Football Federation of Chile
- Founded: 19 June 1895; 131 years ago
- Headquarters: Santiago, Chile
- FIFA affiliation: 1913 (revoking membership in 1925)
- CONMEBOL affiliation: 1916
- President: Pablo Milad Abusleme
- Website: laroja.cl

= Football Federation of Chile =

Governing body of association football in Chile

The Football Federation of Chile (Federación de Fútbol de Chile or FFCh) is the governing body of football in Chile. It was founded on 19 June 1895, making it the second-oldest South American association football federation, and is a founding member of CONMEBOL since 1916. It supervises the Chile national football team, Chile women's national football team, Asociación Nacional de Fútbol Profesional: (National Association of Professional Football, originally called Asociación Central de Fútbol (Central Football Association), or ACF, and Asociación Nacional de Fútbol Amateur (National Association of Amateur Football).

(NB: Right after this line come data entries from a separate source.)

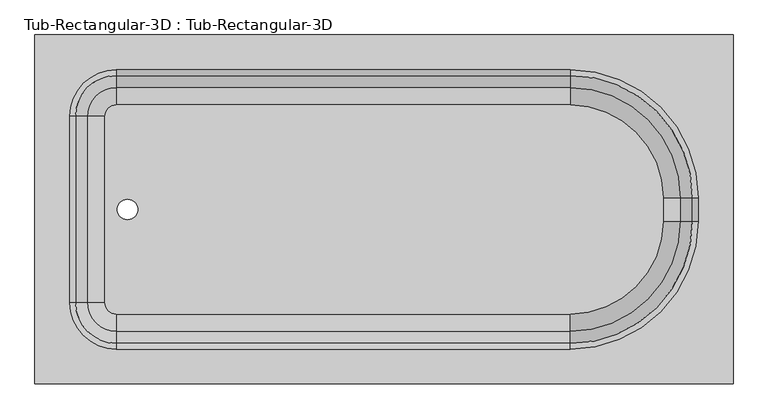
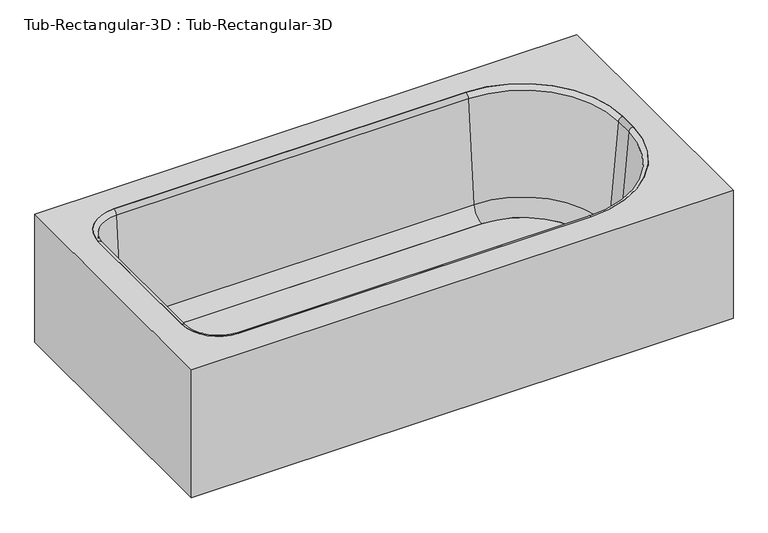
"""IFC4 building model written with IfcOpenShell, lengths in millimetres: flow terminal geometry, Tub-Rectangular-3D : Tub-Rectangular-3D."""

from ifc_helpers import new_model, si_unit, point, frame, frame_2d, origin, place, context, project, spatial, polyline, circle_curve, ellipse_curve, trimmed, segment, composite_curve, outline, extrude, source, transform, mapped, element, save
from ifc_brep_helpers import plane_surface, cylinder_surface, revolved_surface, advanced_brep


def tub_rectangular_3d_tub_rectangular_3d_c1fa07c3(model_context):
    return source(origin(), model_context, "Body", "SolidModel", [
        advanced_brep(
        [(413.3970313, -863.6, 381.0), (413.3970313, -101.6, 381.0), (-1110.6029687, -101.6, 381.0), (-1110.6029687, -863.6, 381.0), (-932.8029687, -787.4, 381.0), (-1034.4029687, -685.8, 381.0), (-1034.4029687, -279.4, 381.0), (-932.8029687, -177.8, 381.0), (57.7970313, -177.8, 381.0), (337.1970313, -457.2, 381.0), (337.1970313, -508.0, 381.0), (57.7970313, -787.4, 381.0), (394.3470313, -844.55, 361.95), (-1091.5529687, -844.55, 361.95), (-1091.5529687, -120.65, 361.95), (394.3470313, -120.65, 361.95), (-932.8029687, -787.4, 361.95), (57.7970313, -787.4, 361.95), (337.1970313, -508.0, 361.95), (337.1970313, -457.2, 361.95), (57.7970313, -177.8, 361.95), (-932.8029687, -177.8, 361.95), (-1034.4029687, -279.4, 361.95), (-1034.4029687, -685.8, 361.95), (-1110.6029687, -863.6, 0.0), (413.3970313, -863.6, 0.0), (-1110.6029687, -101.6, 0.0), (413.3970313, -101.6, 0.0), (394.3470313, -844.55, 0.0), (394.3470313, -120.65, 0.0), (-1091.5529687, -120.65, 0.0), (-1091.5529687, -844.55, 0.0)],
        [
            (0, 1),
            (1, 2),
            (2, 3),
            (3, 0),
            (4, 5, circle_curve(frame((-932.8029687, -685.8, 381.0), z_axis=(0.0, 0.0, -1.0), x_axis=(0.0, -1.0, 0.0)), 101.6)),
            (5, 6),
            (6, 7, circle_curve(frame((-932.8029687, -279.4, 381.0), z_axis=(0.0, 0.0, -1.0), x_axis=(0.0, -1.0, 0.0)), 101.6)),
            (7, 8),
            (8, 9, circle_curve(frame((57.7970313, -457.2, 381.0), z_axis=(0.0, 0.0, -1.0), x_axis=(0.0, -1.0, 0.0)), 279.4)),
            (9, 10),
            (10, 11, circle_curve(frame((57.7970313, -508.0, 381.0), z_axis=(0.0, 0.0, -1.0), x_axis=(0.0, -1.0, 0.0)), 279.4)),
            (11, 4),
            (12, 13),
            (13, 14),
            (14, 15),
            (15, 12),
            (16, 17),
            (17, 18, circle_curve(frame((57.7970313, -508.0, 361.95), z_axis=(0.0, 0.0, 1.0), x_axis=(0.0, -1.0, 0.0)), 279.4)),
            (18, 19),
            (19, 20, circle_curve(frame((57.7970313, -457.2, 361.95), z_axis=(0.0, 0.0, 1.0), x_axis=(0.0, -1.0, 0.0)), 279.4)),
            (20, 21),
            (21, 22, circle_curve(frame((-932.8029687, -279.4, 361.95), z_axis=(0.0, 0.0, 1.0), x_axis=(0.0, -1.0, 0.0)), 101.6)),
            (22, 23),
            (23, 16, circle_curve(frame((-932.8029687, -685.8, 361.95), z_axis=(0.0, 0.0, 1.0), x_axis=(0.0, -1.0, 0.0)), 101.6)),
            (3, 24),
            (24, 25),
            (25, 0),
            (2, 26),
            (26, 24),
            (1, 27),
            (27, 26),
            (25, 27),
            (11, 17),
            (16, 4),
            (10, 18),
            (9, 19),
            (8, 20),
            (7, 21),
            (6, 22),
            (5, 23),
            (28, 29),
            (29, 30),
            (30, 31),
            (31, 28),
            (28, 12),
            (15, 29),
            (14, 30),
            (13, 31),
        ],
        [
            plane_surface(frame((-1110.6029687, -863.6, 381.0), z_axis=(0.0, 0.0, 1.0), x_axis=(-1.0, 0.0, 0.0))),
            plane_surface(frame((-1110.6029687, -863.6, 361.95), z_axis=(0.0, 0.0, -1.0), x_axis=(1.0, 0.0, 0.0))),
            plane_surface(frame((413.3970313, -863.6, 381.0), z_axis=(0.0, -1.0, 0.0), x_axis=(0.0, 0.0, -1.0))),
            plane_surface(frame((-1110.6029687, -863.6, 381.0), z_axis=(-1.0, 0.0, 0.0), x_axis=(0.0, 0.0, -1.0))),
            plane_surface(frame((-1110.6029687, -101.6, 381.0), z_axis=(0.0, 1.0, 0.0), x_axis=(0.0, 0.0, -1.0))),
            plane_surface(frame((413.3970313, -101.6, 381.0), z_axis=(1.0, 0.0, 0.0), x_axis=(0.0, 0.0, -1.0))),
            plane_surface(frame((-932.8029687, -787.4, 381.0), z_axis=(0.0, 1.0, 0.0), x_axis=(0.0, 0.0, -1.0))),
            revolved_surface(polyline([(57.7970313, -787.4, 361.95), (57.7970313, -787.4, 381.0)]), (57.7970313, -508.0, 381.0), (0.0, 0.0, -1.0)),
            plane_surface(frame((337.1970313, -508.0, 381.0), z_axis=(-1.0, 0.0, 0.0), x_axis=(0.0, 0.0, -1.0))),
            revolved_surface(polyline([(57.7970313, -736.5999999999999, 361.95), (57.7970313, -736.5999999999999, 381.0)]), (57.7970313, -457.2, 381.0), (0.0, 0.0, -1.0)),
            plane_surface(frame((57.7970313, -177.8, 381.0), z_axis=(0.0, -1.0, 0.0), x_axis=(0.0, 0.0, -1.0))),
            revolved_surface(polyline([(-932.8029687, -381.0, 361.95), (-932.8029687, -381.0, 381.0)]), (-932.8029687, -279.4, 381.0), (0.0, 0.0, -1.0)),
            plane_surface(frame((-1034.4029687, -279.4, 381.0), z_axis=(1.0, 0.0, 0.0), x_axis=(0.0, 0.0, -1.0))),
            revolved_surface(polyline([(-932.8029687, -787.4, 361.95), (-932.8029687, -787.4, 381.0)]), (-932.8029687, -685.8, 381.0), (0.0, 0.0, -1.0)),
            plane_surface(frame((-1110.6029687, -863.6, 0.0), z_axis=(0.0, 0.0, -1.0), x_axis=(1.0, 0.0, 0.0))),
            plane_surface(frame((394.3470313, -844.55, 361.95), z_axis=(-1.0, 0.0, 0.0), x_axis=(0.0, 0.0, -1.0))),
            plane_surface(frame((394.3470313, -120.65, 361.95), z_axis=(0.0, -1.0, 0.0), x_axis=(0.0, 0.0, -1.0))),
            plane_surface(frame((-1091.5529687, -120.65, 361.95), z_axis=(1.0, 0.0, 0.0), x_axis=(0.0, 0.0, -1.0))),
            plane_surface(frame((-1091.5529687, -844.55, 361.95), z_axis=(0.0, 1.0, 0.0), x_axis=(0.0, 0.0, -1.0))),
        ],
        [
            (0, [[1, 2, 3, 4], [5, 6, 7, 8, 9, 10, 11, 12]]),
            (1, [[13, 14, 15, 16], [17, 18, 19, 20, 21, 22, 23, 24]]),
            (2, [[25, 26, 27, -4]]),
            (3, [[28, 29, -25, -3]]),
            (4, [[30, 31, -28, -2]]),
            (5, [[32, -30, -1, -27]]),
            (6, [[33, -17, 34, -12]]),
            (7, [[35, -18, -33, -11]]),
            (8, [[36, -19, -35, -10]]),
            (9, [[37, -20, -36, -9]]),
            (10, [[38, -21, -37, -8]]),
            (11, [[39, -22, -38, -7]]),
            (12, [[40, -23, -39, -6]]),
            (13, [[-34, -24, -40, -5]]),
            (14, [[-26, -29, -31, -32], [41, 42, 43, 44]]),
            (15, [[45, -16, 46, -41]]),
            (16, [[-46, -15, 47, -42]]),
            (17, [[-47, -14, 48, -43]]),
            (18, [[-48, -13, -45, -44]]),
        ],
    ),
        extrude(outline(composite_curve([segment(polyline([(57.7970313, -710.7964741), (-932.8029687, -710.7964741)]), True, "CONTINUOUS"), segment(trimmed(circle_curve(frame_2d((-932.8029687, -685.8)), 24.9964741), [point((-932.8029687, -710.7964741))], [point((-957.7994428, -685.8))], False, "CARTESIAN"), True, "CONTINUOUS"), segment(polyline([(-957.7994428, -685.8), (-957.7994428, -279.4)]), True, "CONTINUOUS"), segment(trimmed(circle_curve(frame_2d((-932.8029687, -279.4)), 24.9964741), [point((-957.7994428, -279.4))], [point((-932.8029687, -254.4035259))], False, "CARTESIAN"), True, "CONTINUOUS"), segment(polyline([(-932.8029687, -254.4035259), (57.7970313, -254.4035259)]), True, "CONTINUOUS"), segment(trimmed(circle_curve(frame_2d((57.7970313, -457.2)), 202.7964741), [point((57.7970313, -254.4035259))], [point((260.5935054, -457.2))], False, "CARTESIAN"), True, "CONTINUOUS"), segment(polyline([(260.5935054, -457.2), (260.5935054, -508.0)]), True, "CONTINUOUS"), segment(trimmed(circle_curve(frame_2d((57.7970313, -508.0)), 202.7964741), [point((260.5935054, -508.0))], [point((57.7970313, -710.7964741))], False, "CARTESIAN"), True, "CONTINUOUS")], self_intersect=False), holes=[composite_curve([segment(trimmed(circle_curve(frame_2d((-908.510206, -482.6)), 22.225), [point((-908.510206, -504.825))], [point((-908.510206, -460.375))], True, "CARTESIAN"), True, "CONTINUOUS"), segment(trimmed(circle_curve(frame_2d((-908.510206, -482.6)), 22.225), [point((-908.510206, -460.375))], [point((-908.510206, -504.825))], True, "CARTESIAN"), True, "CONTINUOUS")], self_intersect=False)]), frame((0.0, 0.0, 16.863573), z_axis=(0.0, 0.0, 1.0), x_axis=(1.0, 0.0, 0.0)), (0.0, 0.0, 1.0), 19.05),
        advanced_brep(
        [(-995.7544608, -685.8, 70.6929392), (-1021.9249722, -685.8, 369.8232535), (-932.8029687, -774.9220035, 369.8232535), (-932.8029687, -748.7514921, 70.6929392), (-957.7994428, -685.8, 35.913573), (-932.8029687, -710.7964741, 35.913573), (-957.7994428, -685.8, 16.863573), (-932.8029687, -710.7964741, 16.863573), (-1034.4029687, -685.8, 16.863573), (-932.8029687, -787.4, 16.863573), (-1034.4029687, -685.8, 381.0), (-932.8029687, -787.4, 381.0), (-995.7544608, -279.4, 70.6929392), (-1021.9249722, -279.4, 369.8232535), (-957.7994428, -279.4, 35.913573), (-957.7994428, -279.4, 16.863573), (-1034.4029687, -279.4, 16.863573), (-1034.4029687, -279.4, 381.0), (-932.8029687, -216.4485079, 70.6929392), (-932.8029687, -190.2779965, 369.8232535), (-932.8029687, -254.4035259, 35.913573), (-932.8029687, -254.4035259, 16.863573), (-932.8029687, -177.8, 16.863573), (-932.8029687, -177.8, 381.0), (57.7970313, -216.4485079, 70.6929392), (57.7970313, -190.2779965, 369.8232535), (57.7970313, -254.4035259, 35.913573), (57.7970313, -254.4035259, 16.863573), (57.7970313, -177.8, 16.863573), (57.7970313, -177.8, 381.0), (298.5485234, -457.2, 70.6929392), (324.7190348, -457.2, 369.8232535), (260.5935054, -457.2, 35.913573), (260.5935054, -457.2, 16.863573), (337.1970313, -457.2, 16.863573), (337.1970313, -457.2, 381.0), (298.5485234, -508.0, 70.6929392), (324.7190348, -508.0, 369.8232535), (260.5935054, -508.0, 35.913573), (260.5935054, -508.0, 16.863573), (337.1970313, -508.0, 16.863573), (337.1970313, -508.0, 381.0), (57.7970313, -748.7514921, 70.6929392), (57.7970313, -774.9220035, 369.8232535), (57.7970313, -710.7964741, 35.913573), (57.7970313, -710.7964741, 16.863573), (57.7970313, -787.4, 16.863573), (57.7970313, -787.4, 381.0)],
        [
            (0, 1),
            (1, 2, circle_curve(frame((-932.8029687, -685.8, 369.8232535), z_axis=(0.0, 0.0, 1.0), x_axis=(0.0, -1.0, 0.0)), 89.1220035)),
            (2, 3),
            (3, 0, circle_curve(frame((-932.8029687, -685.8, 70.6929392), z_axis=(0.0, 0.0, -1.0), x_axis=(0.0, -1.0, 0.0)), 62.9514921)),
            (4, 0, circle_curve(frame((-957.7994428, -685.8, 74.013573), z_axis=(0.0, 1.0, 0.0), x_axis=(1.0, 0.0, 0.0)), 38.1)),
            (3, 5, circle_curve(frame((-932.8029687, -710.7964741, 74.013573), z_axis=(1.0, 0.0, 0.0), x_axis=(0.0, 1.0, 0.0)), 38.1)),
            (5, 4, circle_curve(frame((-932.8029687, -685.8, 35.913573), z_axis=(0.0, 0.0, -1.0), x_axis=(0.0, -1.0, 0.0)), 24.9964741)),
            (6, 4),
            (5, 7),
            (7, 6, circle_curve(frame((-932.8029687, -685.8, 16.863573), z_axis=(0.0, 0.0, -1.0), x_axis=(0.0, -1.0, 0.0)), 24.9964741)),
            (8, 6),
            (7, 9),
            (9, 8, circle_curve(frame((-932.8029687, -685.8, 16.863573), z_axis=(0.0, 0.0, -1.0), x_axis=(0.0, -1.0, 0.0)), 101.6)),
            (10, 8),
            (9, 11),
            (11, 10, circle_curve(frame((-932.8029687, -685.8, 381.0), z_axis=(0.0, 0.0, -1.0), x_axis=(0.0, -1.0, 0.0)), 101.6)),
            (1, 10, circle_curve(frame((-1034.4029687, -685.8, 368.4462547), z_axis=(0.0, -1.0, 0.0), x_axis=(1.0, 0.0, 0.0)), 12.5537453)),
            (11, 2, circle_curve(frame((-932.8029687, -787.4, 368.4462547), z_axis=(-1.0, 0.0, 0.0), x_axis=(0.0, 1.0, 0.0)), 12.5537453)),
            (0, 12),
            (12, 13),
            (13, 1),
            (4, 14),
            (14, 12, circle_curve(frame((-957.7994428, -279.4, 74.013573), z_axis=(0.0, 1.0, 0.0), x_axis=(1.0, 0.0, 0.0)), 38.1)),
            (6, 15),
            (15, 14),
            (8, 16),
            (16, 15),
            (10, 17),
            (17, 16),
            (13, 17, circle_curve(frame((-1034.4029687, -279.4, 368.4462547), z_axis=(0.0, -1.0, 0.0), x_axis=(1.0, 0.0, 0.0)), 12.5537453)),
            (18, 19),
            (19, 13, circle_curve(frame((-932.8029687, -279.4, 369.8232535), z_axis=(0.0, 0.0, 1.0), x_axis=(-1.0, 0.0, 0.0)), 89.1220035)),
            (12, 18, circle_curve(frame((-932.8029687, -279.4, 70.6929392), z_axis=(0.0, 0.0, -1.0), x_axis=(-1.0, 0.0, 0.0)), 62.9514921)),
            (20, 18, circle_curve(frame((-932.8029687, -254.4035259, 74.013573), z_axis=(1.0, 0.0, 0.0), x_axis=(0.0, -1.0, 0.0)), 38.1)),
            (14, 20, circle_curve(frame((-932.8029687, -279.4, 35.913573), z_axis=(0.0, 0.0, -1.0), x_axis=(-1.0, 0.0, 0.0)), 24.9964741)),
            (21, 20),
            (15, 21, circle_curve(frame((-932.8029687, -279.4, 16.863573), z_axis=(0.0, 0.0, -1.0), x_axis=(-1.0, 0.0, 0.0)), 24.9964741)),
            (22, 21),
            (16, 22, circle_curve(frame((-932.8029687, -279.4, 16.863573), z_axis=(0.0, 0.0, -1.0), x_axis=(-1.0, 0.0, 0.0)), 101.6)),
            (23, 22),
            (17, 23, circle_curve(frame((-932.8029687, -279.4, 381.0), z_axis=(0.0, 0.0, -1.0), x_axis=(-1.0, 0.0, 0.0)), 101.6)),
            (19, 23, circle_curve(frame((-932.8029687, -177.8, 368.4462547), z_axis=(-1.0, 0.0, 0.0), x_axis=(0.0, -1.0, 0.0)), 12.5537453)),
            (18, 24),
            (24, 25),
            (25, 19),
            (20, 26),
            (26, 24, circle_curve(frame((57.7970313, -254.4035259, 74.013573), z_axis=(1.0, 0.0, 0.0), x_axis=(0.0, -1.0, 0.0)), 38.1)),
            (21, 27),
            (27, 26),
            (22, 28),
            (28, 27),
            (23, 29),
            (29, 28),
            (25, 29, circle_curve(frame((57.7970313, -177.8, 368.4462547), z_axis=(-1.0, 0.0, 0.0), x_axis=(0.0, -1.0, 0.0)), 12.5537453)),
            (30, 31),
            (31, 25, circle_curve(frame((57.7970313, -457.2, 369.8232535), z_axis=(0.0, 0.0, 1.0), x_axis=(0.0, 1.0, 0.0)), 266.9220035)),
            (24, 30, circle_curve(frame((57.7970313, -457.2, 70.6929392), z_axis=(0.0, 0.0, -1.0), x_axis=(0.0, 1.0, 0.0)), 240.7514921)),
            (32, 30, circle_curve(frame((260.5935054, -457.2, 74.013573), z_axis=(0.0, -1.0, 0.0), x_axis=(-1.0, 0.0, 0.0)), 38.1)),
            (26, 32, circle_curve(frame((57.7970313, -457.2, 35.913573), z_axis=(0.0, 0.0, -1.0), x_axis=(0.0, 1.0, 0.0)), 202.7964741)),
            (33, 32),
            (27, 33, circle_curve(frame((57.7970313, -457.2, 16.863573), z_axis=(0.0, 0.0, -1.0), x_axis=(0.0, 1.0, 0.0)), 202.7964741)),
            (34, 33),
            (28, 34, circle_curve(frame((57.7970313, -457.2, 16.863573), z_axis=(0.0, 0.0, -1.0), x_axis=(0.0, 1.0, 0.0)), 279.4)),
            (35, 34),
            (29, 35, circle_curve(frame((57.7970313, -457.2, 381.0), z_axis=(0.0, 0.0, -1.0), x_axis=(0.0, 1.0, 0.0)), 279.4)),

==Affiliation and organization==
The Federación is affiliated to FIFA, CONMEBOL and the Olympic Committee of Chile. In turn, it is the body that governs both the professional and amateur football in Chile.

The Football Federation of Chile is responsible for overseeing the Asociación Nacional de Fútbol Profesional (ANFP) and Asociación Nacional de Fútbol Amateur (ANFA). These two associations are managed by the Instituto Nacional del Fútbol (National Institute of Football, also known as INAF) created in 1996 for the training of referees, football coach, engineering of the implementation of business administration, sports organizations, technical operation and the maintenance of sports venues and recreation.

=== Association staff ===

| Name | Position | Source |
|---|---|---|
| Chile Pablo Milad | President |  |
| Chile Justo Alvarez | Vice-president |  |
| Chile Jorge Yunge | General secretary |  |
| Chile Elias Vistoso | Treasurer |  |
| n/a | Technical director |  |
| Chile Nicolás Córdova | Team coach (men's) |  |
| Chile Luis Mena | Team coach (women's) |  |
| Chile Gianfranco Dazzarolla | Media/communications manager |  |
| Chile Luis Alberto Ramírez | Futsal Coordinator |  |
| Chile Christian Schiemann | Referee coordinator |  |
| Chile Roberto Tobar | Chairperson of the Referees Committee |  |
| Chile Carlos Ullora | Head/Director of the Referees Department |  |

==History==
The Football Association of Chile (FAC) was founded, after a meeting in Valparaíso on 19 June 1895, and is headed by journalist David Scott. This organization was a pioneer in terms of football organization in Chile, but with a very limited scope. It came into conflict with the Federación Sportiva Nacional, the national institution created in 1909 to protect the sports in the country.

Having Hispanicised its name to Asociación de Football de Chile, FAC achieved affiliation to FIFA provisionally in 1913 and fully in 1914. In 1916, during the competition of the first Copa América, CONMEBOL was founded with Chile as one of the founding members, besides the Confederação Brasileira de Desportos (CBD), Asociación Argentina de Football (AAF) and Asociación Uruguaya de Fútbol (AUF).

In 1917, the disputes with the Federación Sportiva Nacional were resolved. But in the early twenties, there appeared the Federación de Football de Chile located in Santiago, which, in October 1923, took the continental football national representation, before the retreat of the Asociación de Football de Chile from the CONMEBOL in order to form a parallel confederation. Faced with this situation, FIFA removed Chile in 1925.

This vital removal forced quick solutions, and on 24 January 1926, the Federación de Football de Chile merged with the Asociación de Football de Chile, thus creating a single entity which rose to be the sole governing body of Chilean football. After the unification, the newly formed organization retained the name of "Federación de Football de Chile" and based in Valparaíso. It was recognized by CONMEBOL in April and, on a temporary basis, by FIFA in July.

The Federación de Fútbol de Chile registered its 1954 candidacy for hosting the 1962 World Cup. On 10 June 1956, as part of FIFA's Executive Congress in Lisbon, Portugal, Chile was elected with 32 votes in favour to be the host of FIFA World Cup 1962, while Argentina received 10 votes and 14 members voted blank.

On 15 August 2006, the Federación de Fútbol de Chile presented its candidacy to the Executive Committee of FIFA to host the FIFA U-20 Women's World Cup, 2008, the fourth edition of the tournament. The committee resolved on 15 September 2006 granting the organising right to the Chilean Federation and it will be the first FIFA Women's World Cup, of any category, to be held in South America.